Grief and Opioid Addiction Resources
How to Find a Therapist for Anxiety and Depression – everything you need to know about finding the right therapist. Although this article’s title indicates anxiety and depression specifically, the process is the same when seeking a therapist for any kind of problem.
Substance Abuse and Mental Health Services Administration – the federal governing agency for substance use and mental health. This agency has a treatment locator, and a plethora of educational resources about addiction and mental health. In 2015, SAMSHA awarded most states grant funding for opioid addiction and they are extremely proactive in addressing the opioid epidemic. I was involved in this process for the county agency I worked for from 2014-2015 and encourage anyone to go to their website to learn more about addiction so we can end the stigma surrounding this disease.
AlAnon – 12 step support groups for family and friends of individuals with addiction
Narcotics Anonymous – 12 step support groups for individuals who believe they have an addiction to narcotics
Celebrate Recovery – a God-centered support group for individuals in need of support to cope with various life issues, not just addiction
SMART Recovery – a peer run, non-12 step, cognitive behavioral based support group for individuals in addiction recovery
National Suicide Prevention Hotline – a 24 hour hotline for individuals in need of guidance for suicide related issues
Local churches, pastors, or other spiritual leaders – can offer confidential spiritual guidance and support
Local county Department of Health and Human Services – depending upon the state and county, offers addiction and mental health services.
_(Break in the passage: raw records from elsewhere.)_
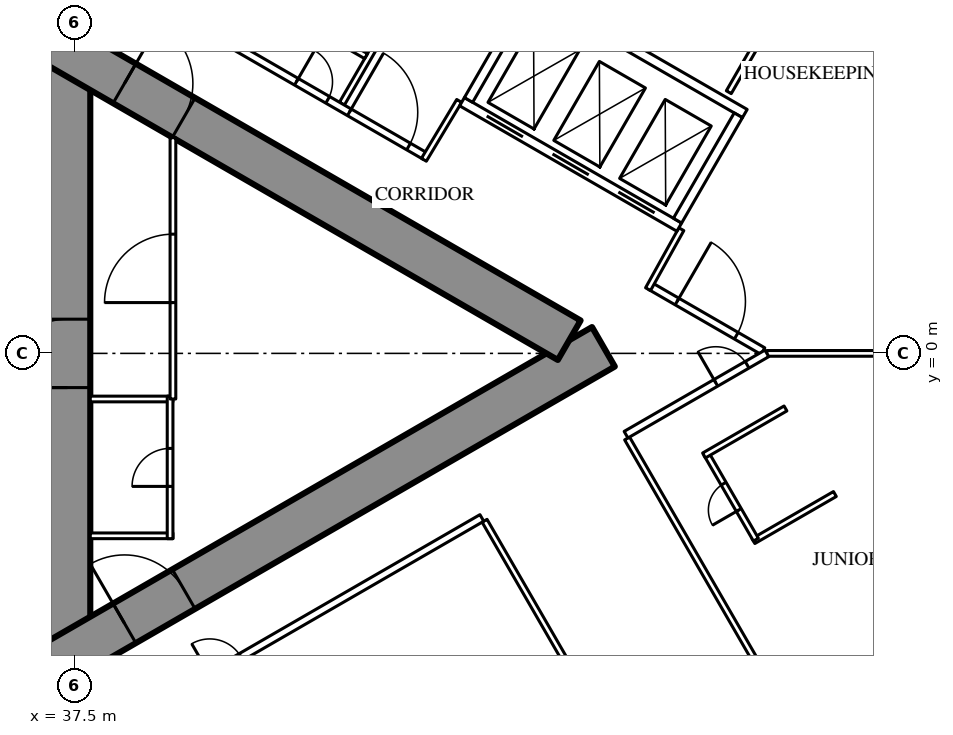
"""IFC4 building model, lengths in metres.
Left out: names, types, materials, properties, quantities, classifications, styles, units other than length and angle.
Written with IfcOpenShell. Run it as: python <this file> out.ifc"""

import sys

from ifc_helpers import new_model, si_unit, direction, frame, frame_2d, origin, place, context, subcontext, project, spatial, rectangle, extrude, element, fill, save


model = new_model("IFC4")
c1 = context("Model", 3, precision=1e-05, world=origin(), true_north=direction((0.0, 1.0)))
c2 = subcontext(c1, "Body", "Model", "MODEL_VIEW")
j1 = project(units=[si_unit("LENGTHUNIT", "METRE"), si_unit("PLANEANGLEUNIT", "RADIAN")], contexts=[c1])
p1 = place(None, origin())
s1 = spatial("IfcSite", under=j1, at=p1, CompositionType="ELEMENT")
p2 = place(p1, origin())
s2 = spatial("IfcBuilding", under=s1, at=p2, CompositionType="ELEMENT")
p3 = place(p2, frame((0.0, 0.0, 180.8)))
s3 = spatial("IfcBuildingStorey", under=s2, at=p3, CompositionType="ELEMENT", Elevation=180.8)
p4 = place(p3, frame((37.3, -8.6, 0.0), z_axis=(0.0, 0.0, 1.0), x_axis=(0.0, 1.0, 0.0)))
e1 = element("IfcWall", 1, at=p4, inside=s3, PredefinedType="SHEAR", context=c2, shape_type="SweptSolid", body=[
    extrude(rectangle(XDim=17.2, YDim=1.2, at=frame_2d((8.6, 0.0))), origin(), (0.0, 0.0, 1.0), 3.5),
])
p5 = place(p4, frame((7.7, 0.0, 0.0)))
e2 = element("IfcOpeningElement", 2, at=p5, cuts=e1, PredefinedType="OPENING", context=c2, shape_type="SweptSolid", body=[
    extrude(rectangle(XDim=1.8, YDim=2.2, at=frame_2d((0.9, 1.1))), frame((0.0, 0.61, 0.0), z_axis=(0.0, -1.0, 0.0), x_axis=(1.0, 0.0, 0.0)), (0.0, 0.0, 1.0), 1.22),
])
p6 = place(p3, frame((27.2, -13.8, 0.0), z_axis=(0.0, 0.0, 1.0), x_axis=(0.866027159892, 0.499996958321, 0.0)))
e3 = element("IfcWall", 3, at=p6, inside=s3, PredefinedType="SHEAR", context=c2, shape_type="SweptSolid", body=[
    extrude(rectangle(XDim=27.947, YDim=1.2, at=frame_2d((13.973, 0.0))), origin(), (0.0, 0.0, 1.0), 3.5),
])
p7 = place(p6, frame((4.6, 0.0, 0.0)))
e4 = element("IfcOpeningElement", 4, at=p7, cuts=e3, PredefinedType="OPENING", context=c2, shape_type="SweptSolid", body=[
    extrude(rectangle(XDim=1.0, YDim=2.2, at=frame_2d((0.5, 1.1))), frame((0.0, 0.61, 0.0), z_axis=(0.0, -1.0, 0.0), x_axis=(1.0, 0.0, 0.0)), (0.0, 0.0, 1.0), 1.22),
])
p8 = place(p6, frame((13.395, 0.0, 0.0)))
e5 = element("IfcOpeningElement", 5, at=p8, cuts=e3, PredefinedType="OPENING", context=c2, shape_type="SweptSolid", body=[
    extrude(rectangle(XDim=1.8, YDim=2.2, at=frame_2d((0.9, 1.1))), frame((0.0, 0.61, 0.0), z_axis=(0.0, -1.0, 0.0), x_axis=(1.0, 0.0, 0.0)), (0.0, 0.0, 1.0), 1.22),
])
p9 = place(p3, frame((27.2, 13.8, 0.0), z_axis=(0.0, 0.0, 1.0), x_axis=(0.866024515034, -0.500001539357, 0.0)))
e6 = element("IfcWall", 6, at=p9, inside=s3, PredefinedType="SHEAR", context=c2, shape_type="SweptSolid", body=[
    extrude(rectangle(XDim=26.907, YDim=1.2, at=frame_2d((13.454, 0.0))), origin(), (0.0, 0.0, 1.0), 3.5),
])
p10 = place(p9, frame((4.6, 0.0, 0.0)))
e7 = element("IfcOpeningElement", 7, at=p10, cuts=e6, PredefinedType="OPENING", context=c2, shape_type="SweptSolid", body=[
    extrude(rectangle(XDim=1.0, YDim=2.2, at=frame_2d((0.5, 1.1))), frame((0.0, 0.61, 0.0), z_axis=(0.0, -1.0, 0.0), x_axis=(1.0, 0.0, 0.0)), (0.0, 0.0, 1.0), 1.22),
])
p11 = place(p9, frame((13.395, 0.0, 0.0)))
e8 = element("IfcOpeningElement", 8, at=p11, cuts=e6, PredefinedType="OPENING", context=c2, shape_type="SweptSolid", body=[
    extrude(rectangle(XDim=1.8, YDim=2.2, at=frame_2d((0.9, 1.1))), frame((0.0, 0.61, 0.0), z_axis=(0.0, -1.0, 0.0), x_axis=(1.0, 0.0, 0.0)), (0.0, 0.0, 1.0), 1.22),
])
p12 = place(p3, frame((48.275, -4.404, 0.0), z_axis=(0.0, 0.0, 1.0), x_axis=(0.500006004368, -0.866021937133, 0.0)))
e9 = element("IfcWall", 9, at=p12, inside=s3, PredefinedType="PARTITIONING", context=c2, shape_type="SweptSolid", body=[
    extrude(rectangle(XDim=7.279, YDim=0.15, at=frame_2d((3.64, 0.0))), origin(), (0.0, 0.0, 1.0), 2.3),
])
p13 = place(p3, frame((52.025, -2.238, 0.0), z_axis=(0.0, 0.0, 1.0), x_axis=(0.499983785035, -0.866034765296, 0.0)))
e10 = element("IfcWall", 10, at=p13, inside=s3, PredefinedType="PARTITIONING", context=c2, shape_type="SweptSolid", body=[
    extrude(rectangle(XDim=7.116, YDim=0.15, at=frame_2d((3.558, 0.0))), origin(), (0.0, 0.0, 1.0), 2.3),
])
p14 = place(p3, frame((44.521, 6.571, 0.0), z_axis=(0.0, 0.0, 1.0), x_axis=(0.500020376429, 0.866013639128, 0.0)))
e11 = element("IfcWall", 11, at=p14, inside=s3, PredefinedType="PARTITIONING", context=c2, shape_type="SweptSolid", body=[
    extrude(rectangle(XDim=7.306, YDim=0.15, at=frame_2d((3.653, 0.0))), origin(), (0.0, 0.0, 1.0), 2.3),
])
p15 = place(p3, frame((55.702, 0.0, 0.0), z_axis=(0.0, 0.0, 1.0), x_axis=(1.0, 0.0, 0.0)))
e12 = element("IfcWall", 12, at=p15, inside=s3, PredefinedType="PARTITIONING", context=c2, shape_type="SweptSolid", body=[
    extrude(rectangle(XDim=8.518, YDim=0.15, at=frame_2d((4.259, 0.0))), origin(), (0.0, 0.0, 1.0), 2.3),
])
p16 = place(p3, frame((54.7, 6.872, 0.0), z_axis=(0.0, 0.0, 1.0), x_axis=(0.499989690894, 0.866031355668, 0.0)))
e13 = element("IfcWall", 13, at=p16, inside=s3, PredefinedType="PARTITIONING", context=c2, shape_type="SweptSolid", body=[
    extrude(rectangle(XDim=1.766, YDim=0.15, at=frame_2d((0.883, 0.0))), origin(), (0.0, 0.0, 1.0), 3.25),
])
p17 = place(p3, frame((27.959, 16.017, 0.0), z_axis=(0.0, 0.0, 1.0), x_axis=(0.866027146794, -0.499996981007, 0.0)))
e14 = element("IfcWall", 14, at=p17, inside=s3, PredefinedType="PARTITIONING", context=c2, shape_type="SweptSolid", body=[
    extrude(rectangle(XDim=21.657, YDim=0.2, at=frame_2d((10.829, 0.0))), origin(), (0.0, 0.0, 1.0), 3.25),
])
p18 = place(p17, frame((17.741, 0.0, 0.0)))
e15 = element("IfcOpeningElement", 15, at=p18, cuts=e14, PredefinedType="OPENING", context=c2, shape_type="SweptSolid", body=[
    extrude(rectangle(XDim=0.95, YDim=2.2, at=frame_2d((0.475, 1.1))), frame((0.0, 0.11, 0.0), z_axis=(0.0, -1.0, 0.0), x_axis=(1.0, 0.0, 0.0)), (0.0, 0.0, 1.0), 0.22),
])
p19 = place(p17, frame((10.782, 0.0, 0.0)))
e16 = element("IfcOpeningElement", 16, at=p19, cuts=e14, PredefinedType="OPENING", context=c2, shape_type="SweptSolid", body=[
    extrude(rectangle(XDim=0.95, YDim=2.2, at=frame_2d((0.475, 1.1))), frame((0.0, 0.11, 0.0), z_axis=(0.0, -1.0, 0.0), x_axis=(1.0, 0.0, 0.0)), (0.0, 0.0, 1.0), 0.22),
])
p20 = place(p17, frame((6.732, 0.0, 0.0)))
e17 = element("IfcOpeningElement", 17, at=p20, cuts=e14, PredefinedType="OPENING", context=c2, shape_type="SweptSolid", body=[
    extrude(rectangle(XDim=0.95, YDim=2.2, at=frame_2d((0.475, 1.1))), frame((0.0, 0.11, 0.0), z_axis=(0.0, -1.0, 0.0), x_axis=(1.0, 0.0, 0.0)), (0.0, 0.0, 1.0), 0.22),
])
p21 = place(p17, frame((19.349, 0.0, 0.0)))
e18 = element("IfcOpeningElement", 18, at=p21, cuts=e14, PredefinedType="OPENING", context=c2, shape_type="SweptSolid", body=[
    extrude(rectangle(XDim=1.8, YDim=2.2, at=frame_2d((0.9, 1.1))), frame((0.0, 0.11, 0.0), z_axis=(0.0, -1.0, 0.0), x_axis=(1.0, 0.0, 0.0)), (0.0, 0.0, 1.0), 0.22),
])
p22 = place(p3, frame((52.639, 1.769, 0.0), z_axis=(0.0, 0.0, 1.0), x_axis=(0.866027340901, -0.4999966448, 0.0)))
e19 = element("IfcWall", 19, at=p22, inside=s3, PredefinedType="PARTITIONING", context=c2, shape_type="SweptSolid", body=[
    extrude(rectangle(XDim=3.417, YDim=0.2, at=frame_2d((1.708, 0.0))), origin(), (0.0, 0.0, 1.0), 3.25),
])
p23 = place(p22, frame((0.809, 0.0, 0.0)))
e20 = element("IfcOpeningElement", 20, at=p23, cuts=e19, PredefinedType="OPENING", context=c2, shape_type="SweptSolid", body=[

Recommended reading for grief and opioid addiction
I would like to take this time to thank Kimberly for her courage and vulnerability and for sharing her personal story. I am beyond grateful to have had this opportunity to publish her story on my website.
Please share any comments or questions below. We appreciate you.
This post is dedicated to the memory of all of the lives that have been lost due to opioid and opiate addiction. May you rest in peace with dignity.